Conversations on race are more critical for our community than ever before. Demographics alone assure us that we are becoming an increasingly diverse community.
Between 2000 and 2008, 85 percent of the population growth in the Twin Cities was among communities of color. This growing diversity offers much opportunity for innovation and connection, but we must take steps to create a truly multicultural environment where each person is valued.
As a state, we have one of the largest gaps between African-American and white students in reading, math and high school graduation rates. We also have one of the highest unemployment rates among African-Americans in the country. As an individual, I know the effects that flawed policy, inadequate public support and outright intolerance can have on people in our community.
In my role at the YWCA, I've been involved in conversations with thousands of people about the state of racial justice in our community.
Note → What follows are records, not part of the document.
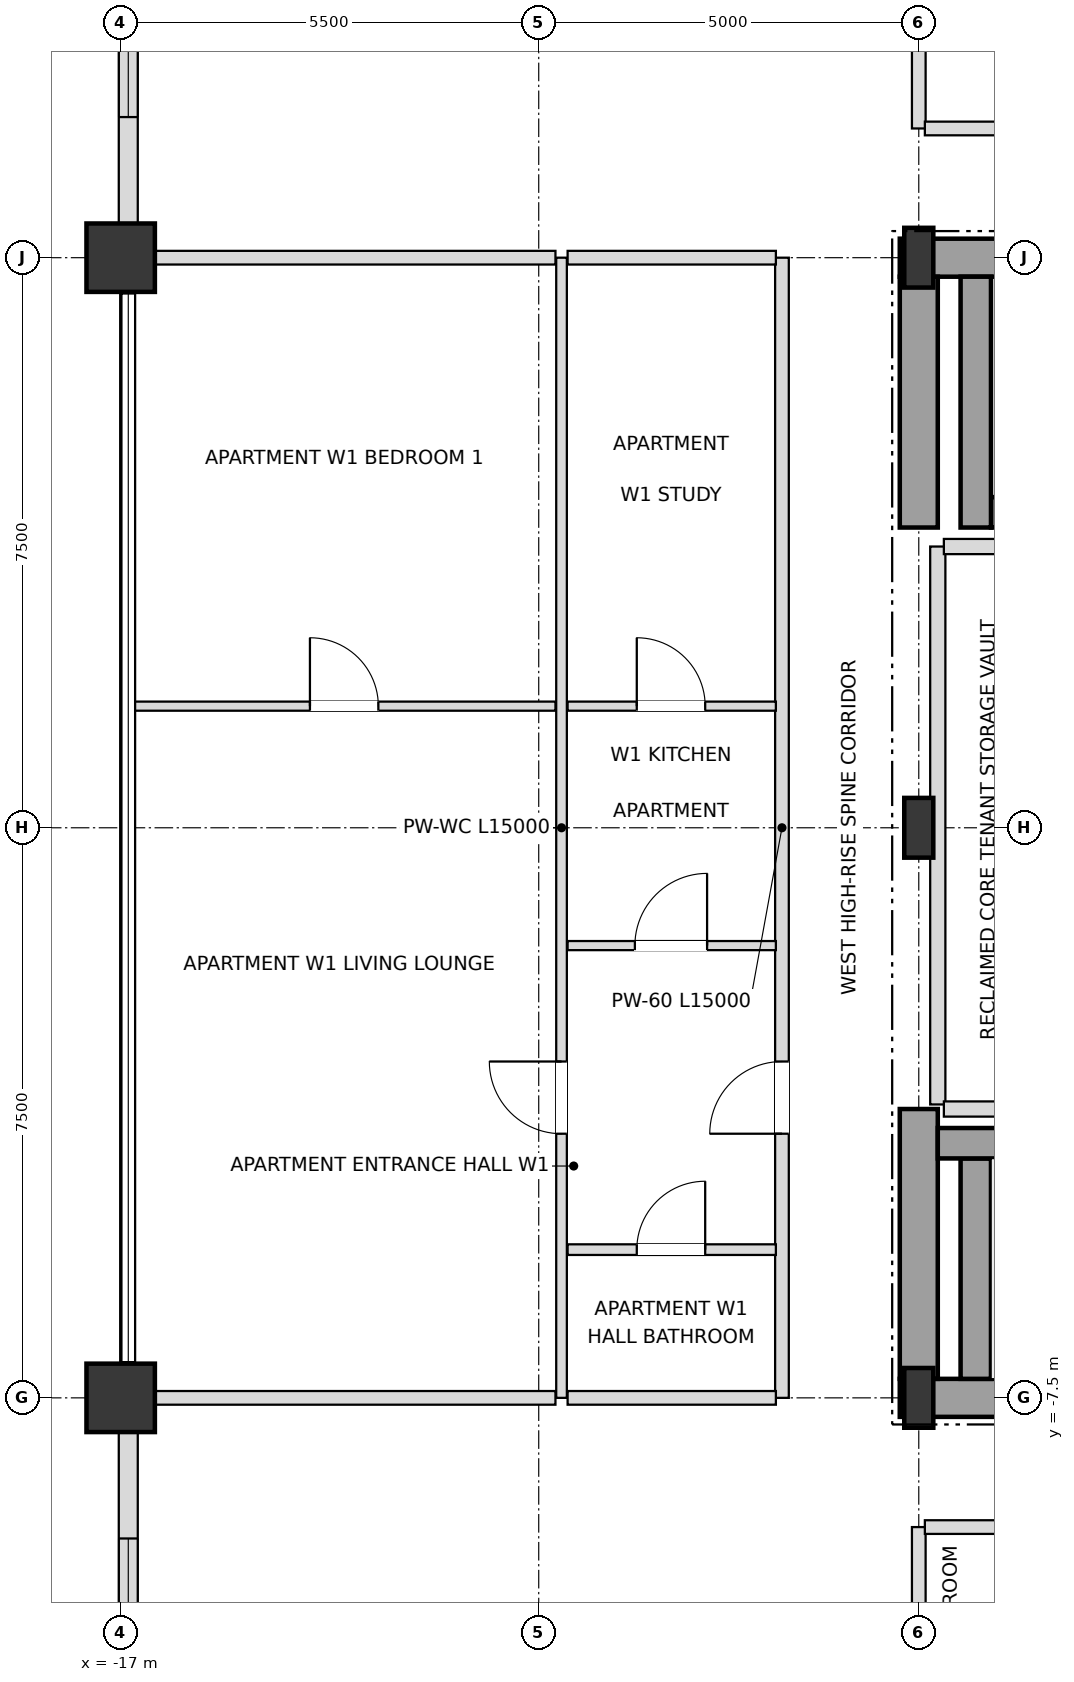
"""IFC4 building model, lengths in metres.
Left out: names, types, materials, properties, quantities, classifications, styles, units other than length and angle.
Written with IfcOpenShell. Run it as: python <this file> out.ifc"""

import sys

from ifc_helpers import new_model, si_unit, direction, frame, frame_2d, origin, origin_2d, place, context, subcontext, project, spatial, rectangle, i_section, extrude, element, fill, save


model = new_model("IFC4")
c1 = context("Model", 3, precision=1e-05, world=origin(), true_north=direction((0.0, 1.0)))
c2 = subcontext(c1, "Body", "Model", "MODEL_VIEW")
j1 = project(units=[si_unit("LENGTHUNIT", "METRE"), si_unit("PLANEANGLEUNIT", "RADIAN")], contexts=[c1])
p1 = place(None, origin())
s1 = spatial("IfcSite", under=j1, at=p1, CompositionType="ELEMENT")
p2 = place(p1, origin())
s2 = spatial("IfcBuilding", under=s1, at=p2, CompositionType="ELEMENT")
p3 = place(p2, frame((0.0, 0.0, 297.9)))
s3 = spatial("IfcBuildingStorey", under=s2, at=p3, CompositionType="ELEMENT", Elevation=297.9)
for number, where, z_axis, x_axis in (
    (1, (-6.5, -7.5, 0.0), (0.0, 0.0, 1.0), (1.0, 0.0, 0.0)),
    (2, (-6.5, 0.0, 0.0), (0.0, 0.0, 1.0), (1.0, 0.0, 0.0)),
    (3, (-6.5, 7.5, 0.0), (0.0, 0.0, 1.0), (1.0, 0.0, 0.0)),
):
    element("IfcColumn", number, at=place(p3, frame(where, z_axis=z_axis, x_axis=x_axis)), inside=s3, PredefinedType="COLUMN", context=c2, shape_type="SweptSolid", body=[
        extrude(i_section(OverallWidth=0.382, OverallDepth=0.786, WebThickness=0.02, FlangeThickness=0.033, at=origin_2d()), origin(), (0.0, 0.0, 1.0), 3.6),
    ])
for number, where, z_axis, x_axis in (
    (4, (-17.0, 7.5, 0.0), (0.0, 0.0, 1.0), (1.0, 0.0, 0.0)),
    (5, (-17.0, -7.5, 0.0), (0.0, 0.0, 1.0), (1.0, 0.0, 0.0)),
):
    element("IfcColumn", number, at=place(p3, frame(where, z_axis=z_axis, x_axis=x_axis)), inside=s3, PredefinedType="USERDEFINED", context=c2, shape_type="SweptSolid", body=[
        extrude(rectangle(XDim=0.9, YDim=0.9, at=origin_2d()), origin(), (0.0, 0.0, 1.0), 3.6),
    ])
p4 = place(p3, frame((-16.9, 12.555, 0.0), z_axis=(0.0, 0.0, 1.0), x_axis=(0.0, -1.0, 0.0)))
e6 = element("IfcWall", 6, at=p4, inside=s3, PredefinedType="SOLIDWALL", context=c2, shape_type="SweptSolid", body=[
    extrude(rectangle(XDim=4.61, YDim=0.25, at=frame_2d((2.305, 0.0))), origin(), (0.0, 0.0, 1.0), 2.748),
])
p5 = place(p4, frame((1.405, 0.0, 0.72)))
e7 = element("IfcOpeningElement", 7, at=p5, cuts=e6, PredefinedType="OPENING", context=c2, shape_type="SweptSolid", body=[
    extrude(rectangle(XDim=1.8, YDim=1.68, at=frame_2d((0.9, 0.84))), frame((0.0, 0.135, 0.0), z_axis=(0.0, -1.0, 0.0), x_axis=(1.0, 0.0, 0.0)), (0.0, 0.0, 1.0), 0.27),
])
p6 = place(p3, frame((-16.9, -7.945, 0.0), z_axis=(0.0, 0.0, 1.0), x_axis=(0.0, -1.0, 0.0)))
e8 = element("IfcWall", 8, at=p6, inside=s3, PredefinedType="SOLIDWALL", context=c2, shape_type="SweptSolid", body=[
    extrude(rectangle(XDim=4.61, YDim=0.25, at=frame_2d((2.305, 0.0))), origin(), (0.0, 0.0, 1.0), 2.748),
])
p7 = place(p6, frame((1.405, 0.0, 0.72)))
e9 = element("IfcOpeningElement", 9, at=p7, cuts=e8, PredefinedType="OPENING", context=c2, shape_type="SweptSolid", body=[
    extrude(rectangle(XDim=1.8, YDim=1.68, at=frame_2d((0.9, 0.84))), frame((0.0, 0.135, 0.0), z_axis=(0.0, -1.0, 0.0), x_axis=(1.0, 0.0, 0.0)), (0.0, 0.0, 1.0), 0.27),
])
p8 = place(p3, frame((-6.75, -7.5, 0.0), z_axis=(0.0, 0.0, 1.0), x_axis=(1.0, 0.0, 0.0)))
e10 = element("IfcWall", 10, at=p8, inside=s3, PredefinedType="SHEAR", context=c2, shape_type="SweptSolid", body=[
    extrude(rectangle(XDim=6.75, YDim=0.5, at=frame_2d((3.375, 0.0))), origin(), (0.0, 0.0, 1.0), 3.38),
])
p9 = place(p3, frame((-6.75, 7.5, 0.0), z_axis=(0.0, 0.0, 1.0), x_axis=(1.0, 0.0, 0.0)))
e11 = element("IfcWall", 11, at=p9, inside=s3, PredefinedType="SHEAR", context=c2, shape_type="SweptSolid", body=[
    extrude(rectangle(XDim=6.75, YDim=0.5, at=frame_2d((3.375, 0.0))), origin(), (0.0, 0.0, 1.0), 3.38),
])
p10 = place(p9, frame((1.65, 0.0, 0.0)))
e12 = element("IfcOpeningElement", 12, at=p10, cuts=e11, PredefinedType="OPENING", context=c2, shape_type="SweptSolid", body=[
    extrude(rectangle(XDim=1.05, YDim=2.15, at=frame_2d((0.525, 1.075))), frame((0.0, 0.26, 0.0), z_axis=(0.0, -1.0, 0.0), x_axis=(1.0, 0.0, 0.0)), (0.0, 0.0, 1.0), 0.52),
])
p11 = place(p3, frame((-6.5, -7.25, 0.0), z_axis=(0.0, 0.0, 1.0), x_axis=(0.0, 1.0, 0.0)))
e13 = element("IfcWall", 13, at=p11, inside=s3, PredefinedType="SHEAR", context=c2, shape_type="SweptSolid", body=[
    extrude(rectangle(XDim=3.55, YDim=0.5, at=frame_2d((1.775, 0.0))), origin(), (0.0, 0.0, 1.0), 3.38),
])
p12 = place(p3, frame((-6.5, 3.95, 0.0), z_axis=(0.0, 0.0, 1.0), x_axis=(0.0, 1.0, 0.0)))
e14 = element("IfcWall", 14, at=p12, inside=s3, PredefinedType="SHEAR", context=c2, shape_type="SweptSolid", body=[
    extrude(rectangle(XDim=3.3, YDim=0.5, at=frame_2d((1.65, 0.0))), origin(), (0.0, 0.0, 1.0), 3.38),
])
p13 = place(p3, frame((-5.75, -7.25, 0.0), z_axis=(0.0, 0.0, 1.0), x_axis=(0.0, 1.0, 0.0)))
e15 = element("IfcWall", 15, at=p13, inside=s3, PredefinedType="SHEAR", context=c2, shape_type="SweptSolid", body=[
    extrude(rectangle(XDim=2.9, YDim=0.4, at=frame_2d((1.45, 0.0))), origin(), (0.0, 0.0, 1.0), 3.38),
])
p14 = place(p3, frame((-6.25, -4.15, 0.0), z_axis=(0.0, 0.0, 1.0), x_axis=(1.0, 0.0, 0.0)))
e16 = element("IfcWall", 16, at=p14, inside=s3, PredefinedType="SHEAR", context=c2, shape_type="SweptSolid", body=[
    extrude(rectangle(XDim=7.78, YDim=0.4, at=frame_2d((3.89, 0.0))), origin(), (0.0, 0.0, 1.0), 3.38),
])
p15 = place(p3, frame((-5.55, 4.15, 0.0), z_axis=(0.0, 0.0, 1.0), x_axis=(1.0, 0.0, 0.0)))
e17 = element("IfcWall", 17, at=p15, inside=s3, PredefinedType="SHEAR", context=c2, shape_type="SweptSolid", body=[
    extrude(rectangle(XDim=7.08, YDim=0.4, at=frame_2d((3.54, 0.0))), origin(), (0.0, 0.0, 1.0), 3.38),
])
p16 = place(p3, frame((-5.75, 3.95, 0.0), z_axis=(0.0, 0.0, 1.0), x_axis=(0.0, 1.0, 0.0)))
e18 = element("IfcWall", 18, at=p16, inside=s3, PredefinedType="SHEAR", context=c2, shape_type="SweptSolid", body=[
    extrude(rectangle(XDim=3.3, YDim=0.4, at=frame_2d((1.65, 0.0))), origin(), (0.0, 0.0, 1.0), 3.38),
])
p17 = place(p3, frame((-11.2, -7.5, 0.0), z_axis=(0.0, 0.0, 1.0), x_axis=(0.0, 1.0, 0.0)))
e19 = element("IfcWall", 19, at=p17, inside=s3, PredefinedType="PARTITIONING", context=c2, shape_type="SweptSolid", body=[
    extrude(rectangle(XDim=15.0, YDim=0.14, at=frame_2d((7.5, 0.0))), origin(), (0.0, 0.0, 1.0), 3.38),
])
p18 = place(p17, frame((3.475, 0.0, 0.0)))
e20 = element("IfcOpeningElement", 20, at=p18, cuts=e19, PredefinedType="OPENING", context=c2, shape_type="SweptSolid", body=[
    extrude(rectangle(XDim=0.95, YDim=2.1, at=frame_2d((0.475, 1.05))), frame((0.0, 0.08, 0.0), z_axis=(0.0, -1.0, 0.0), x_axis=(1.0, 0.0, 0.0)), (0.0, 0.0, 1.0), 0.16),
])
p19 = place(p3, frame((-8.3, -7.5, 0.0), z_axis=(0.0, 0.0, 1.0), x_axis=(0.0, 1.0, 0.0)))
e21 = element("IfcWall", 21, at=p19, inside=s3, PredefinedType="PARTITIONING", context=c2, shape_type="SweptSolid", body=[
    extrude(rectangle(XDim=15.0, YDim=0.18, at=frame_2d((7.5, 0.0))), origin(), (0.0, 0.0, 1.0), 3.38),
])
p20 = place(p19, frame((3.475, 0.0, 0.0)))
e22 = element("IfcOpeningElement", 22, at=p20, cuts=e21, PredefinedType="OPENING", context=c2, shape_type="SweptSolid", body=[
    extrude(rectangle(XDim=0.95, YDim=2.15, at=frame_2d((0.475, 1.075))), frame((0.0, 0.1, 0.0), z_axis=(0.0, -1.0, 0.0), x_axis=(1.0, 0.0, 0.0)), (0.0, 0.0, 1.0), 0.2),
])
for number, where, z_axis, x_axis in (
    (23, (-6.5, -19.9, 0.0), (0.0, 0.0, 1.0), (0.0, 1.0, 0.0)),
    (24, (-6.5, 9.2, 0.0), (0.0, 0.0, 1.0), (0.0, 1.0, 0.0)),
):
    element("IfcWall", number, at=place(p3, frame(where, z_axis=z_axis, x_axis=x_axis)), inside=s3, PredefinedType="PARTITIONING", context=c2, shape_type="SweptSolid", body=[
        extrude(rectangle(XDim=10.7, YDim=0.18, at=frame_2d((5.35, 0.0))), origin(), (0.0, 0.0, 1.0), 2.826),
    ])
p21 = place(p3, frame((-6.25, -3.64, 0.0), z_axis=(0.0, 0.0, 1.0), x_axis=(0.0, 1.0, 0.0)))
e25 = element("IfcWall", 25, at=p21, inside=s3, PredefinedType="SOLIDWALL", context=c2, shape_type="SweptSolid", body=[
    extrude(rectangle(XDim=7.34, YDim=0.2, at=frame_2d((3.67, 0.0))), origin(), (0.0, 0.0, 1.0), 3.38),
])
p22 = place(p3, frame((-6.42, -9.2, 0.0), z_axis=(0.0, 0.0, 1.0), x_axis=(1.0, 0.0, 0.0)))
e26 = element("IfcWall", 26, at=p22, inside=s3, PredefinedType="PARTITIONING", context=c2, shape_type="SweptSolid", body=[
    extrude(rectangle(XDim=1.64, YDim=0.18, at=frame_2d((0.82, 0.0))), origin(), (0.0, 0.0, 1.0), 3.38),
])
p23 = place(p3, frame((-16.9, -7.5, 0.0), z_axis=(0.0, 0.0, 1.0), x_axis=(1.0, 0.0, 0.0)))
e27 = element("IfcWall", 27, at=p23, inside=s3, PredefinedType="PARTITIONING", context=c2, shape_type="SweptSolid", body=[
    extrude(rectangle(XDim=5.62, YDim=0.18, at=frame_2d((2.81, 0.0))), origin(), (0.0, 0.0, 1.0), 2.826),
])
p24 = place(p3, frame((-11.12, -7.5, 0.0), z_axis=(0.0, 0.0, 1.0), x_axis=(1.0, 0.0, 0.0)))
e28 = element("IfcWall", 28, at=p24, inside=s3, PredefinedType="PARTITIONING", context=c2, shape_type="SweptSolid", body=[
    extrude(rectangle(XDim=2.74, YDim=0.18, at=frame_2d((1.37, 0.0))), origin(), (0.0, 0.0, 1.0), 2.826),
])
p25 = place(p3, frame((-11.12, -5.55, 0.0), z_axis=(0.0, 0.0, 1.0), x_axis=(1.0, 0.0, 0.0)))
e29 = element("IfcWall", 29, at=p25, inside=s3, PredefinedType="PARTITIONING", context=c2, shape_type="SweptSolid", body=[
    extrude(rectangle(XDim=2.74, YDim=0.14, at=frame_2d((1.37, 0.0))), origin(), (0.0, 0.0, 1.0), 3.38),
])
p26 = place(p25, frame((0.91, 0.0, 0.0)))
e30 = element("IfcOpeningElement", 30, at=p26, cuts=e29, PredefinedType="OPENING", context=c2, shape_type="SweptSolid", body=[
    extrude(rectangle(XDim=0.9, YDim=2.1, at=frame_2d((0.45, 1.05))), frame((0.0, 0.08, 0.0), z_axis=(0.0, -1.0, 0.0), x_axis=(1.0, 0.0, 0.0)), (0.0, 0.0, 1.0), 0.16),
])
p27 = place(p3, frame((-6.17, -3.7, 0.0), z_axis=(0.0, 0.0, 1.0), x_axis=(1.0, 0.0, 0.0)))
e31 = element("IfcWall", 31, at=p27, inside=s3, PredefinedType="SOLIDWALL", context=c2, shape_type="SweptSolid", body=[
    extrude(rectangle(XDim=1.94, YDim=0.2, at=frame_2d((0.97, 0.0))), origin(), (0.0, 0.0, 1.0), 3.38),
])
p28 = place(p3, frame((-11.12, -1.55, 0.0), z_axis=(0.0, 0.0, 1.0), x_axis=(1.0, 0.0, 0.0)))
e32 = element("IfcWall", 32, at=p28, inside=s3, PredefinedType="PARTITIONING", context=c2, shape_type="SweptSolid", body=[
    extrude(rectangle(XDim=2.74, YDim=0.12, at=frame_2d((1.37, 0.0))), origin(), (0.0, 0.0, 1.0), 3.38),
])
p29 = place(p28, frame((0.885, 0.0, 0.0)))
e33 = element("IfcOpeningElement", 33, at=p29, cuts=e32, PredefinedType="OPENING", context=c2, shape_type="SweptSolid", body=[
    extrude(rectangle(XDim=0.95, YDim=2.1, at=frame_2d((0.475, 1.05))), frame((0.0, 0.07, 0.0), z_axis=(0.0, -1.0, 0.0), x_axis=(1.0, 0.0, 0.0)), (0.0, 0.0, 1.0), 0.14),
])
p30 = place(p3, frame((-16.82, 1.6, 0.0), z_axis=(0.0, 0.0, 1.0), x_axis=(1.0, 0.0, 0.0)))
e34 = element("IfcWall", 34, at=p30, inside=s3, PredefinedType="PARTITIONING", context=c2, shape_type="SweptSolid", body=[
    extrude(rectangle(XDim=5.54, YDim=0.12, at=frame_2d((2.77, 0.0))), origin(), (0.0, 0.0, 1.0), 3.018),
])
p31 = place(p30, frame((2.31, 0.0, 0.0)))
e35 = element("IfcOpeningElement", 35, at=p31, cuts=e34, PredefinedType="OPENING", context=c2, shape_type="SweptSolid", body=[
    extrude(rectangle(XDim=0.9, YDim=2.1, at=frame_2d((0.45, 1.05))), frame((0.0, 0.07, 0.0), z_axis=(0.0, -1.0, 0.0), x_axis=(1.0, 0.0, 0.0)), (0.0, 0.0, 1.0), 0.14),
])
p32 = place(p3, frame((-11.12, 1.6, 0.0), z_axis=(0.0, 0.0, 1.0), x_axis=(1.0, 0.0, 0.0)))
e36 = element("IfcWall", 36, at=p32, inside=s3, PredefinedType="PARTITIONING", context=c2, shape_type="SweptSolid", body=[
    extrude(rectangle(XDim=2.74, YDim=0.12, at=frame_2d((1.37, 0.0))), origin(), (0.0, 0.0, 1.0), 3.38),
])
p33 = place(p32, frame((0.91, 0.0, 0.0)))
e37 = element("IfcOpeningElement", 37, at=p33, cuts=e36, PredefinedType="OPENING", context=c2, shape_type="SweptSolid", body=[
    extrude(rectangle(XDim=0.9, YDim=2.1, at=frame_2d((0.45, 1.05))), frame((0.0, 0.07, 0.0), z_axis=(0.0, -1.0, 0.0), x_axis=(1.0, 0.0, 0.0)), (0.0, 0.0, 1.0), 0.14),
])
p34 = place(p3, frame((-6.17, 3.7, 0.0), z_axis=(0.0, 0.0, 1.0), x_axis=(1.0, 0.0, 0.0)))
e38 = element("IfcWall", 38, at=p34, inside=s3, PredefinedType="SOLIDWALL", context=c2, shape_type="SweptSolid", body=[
    extrude(rectangle(XDim=1.94, YDim=0.2, at=frame_2d((0.97, 0.0))), origin(), (0.0, 0.0, 1.0), 3.38),
])
p35 = place(p3, frame((-16.9, 7.5, 0.0), z_axis=(0.0, 0.0, 1.0), x_axis=(1.0, 0.0, 0.0)))
e39 = element("IfcWall", 39, at=p35, inside=s3, PredefinedType="PARTITIONING", context=c2, shape_type="SweptSolid", body=[
    extrude(rectangle(XDim=5.62, YDim=0.18, at=frame_2d((2.81, 0.0))), origin(), (0.0, 0.0, 1.0), 2.826),
])
p36 = place(p3, frame((-11.12, 7.5, 0.0), z_axis=(0.0, 0.0, 1.0), x_axis=(1.0, 0.0, 0.0)))
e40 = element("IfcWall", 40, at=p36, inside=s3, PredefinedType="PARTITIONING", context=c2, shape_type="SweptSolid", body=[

I've listened to young white men looking to address racism in their work environments and striving to create positive change. I've heard from older African-American women who desire connection with others as a way to heal. Time and again I've witnessed "Minnesota Nice" behavior that creates a smooth surface yet masks covert acts of racism.
I see these conversations and interactions as evidence that all of us must come together to address racial injustice in our daily lives and relationships with each other.
The YWCA of Minneapolis provides some great tools to help each of us listen with an open mind, build understanding and speak up so that we can all take action to build a stronger community. Confronting racism can be frustrating, scary and exhausting for each of us, but when we stand together we can absolutely make a difference.
I am reminded of the dialogues we held in Chaska, where so many people came together that the room overflowed and we had to meet in hallways. Students, teachers, police and community leaders gathered to talk about what they were seeing in their community and how they could move forward together.
I believe this world is ever changing, and each of us has the power to direct that change. Through conversation, more and more Minnesotans from every racial, cultural and ethnic background are creating understanding. By listening to each other, we can give voice to the impact that individual and institutional racism has on all our lives and build the skills necessary to eliminate racism in our community.
Anita Patel is vice president for racial justice and public policy of the YWCA of Minneapolis.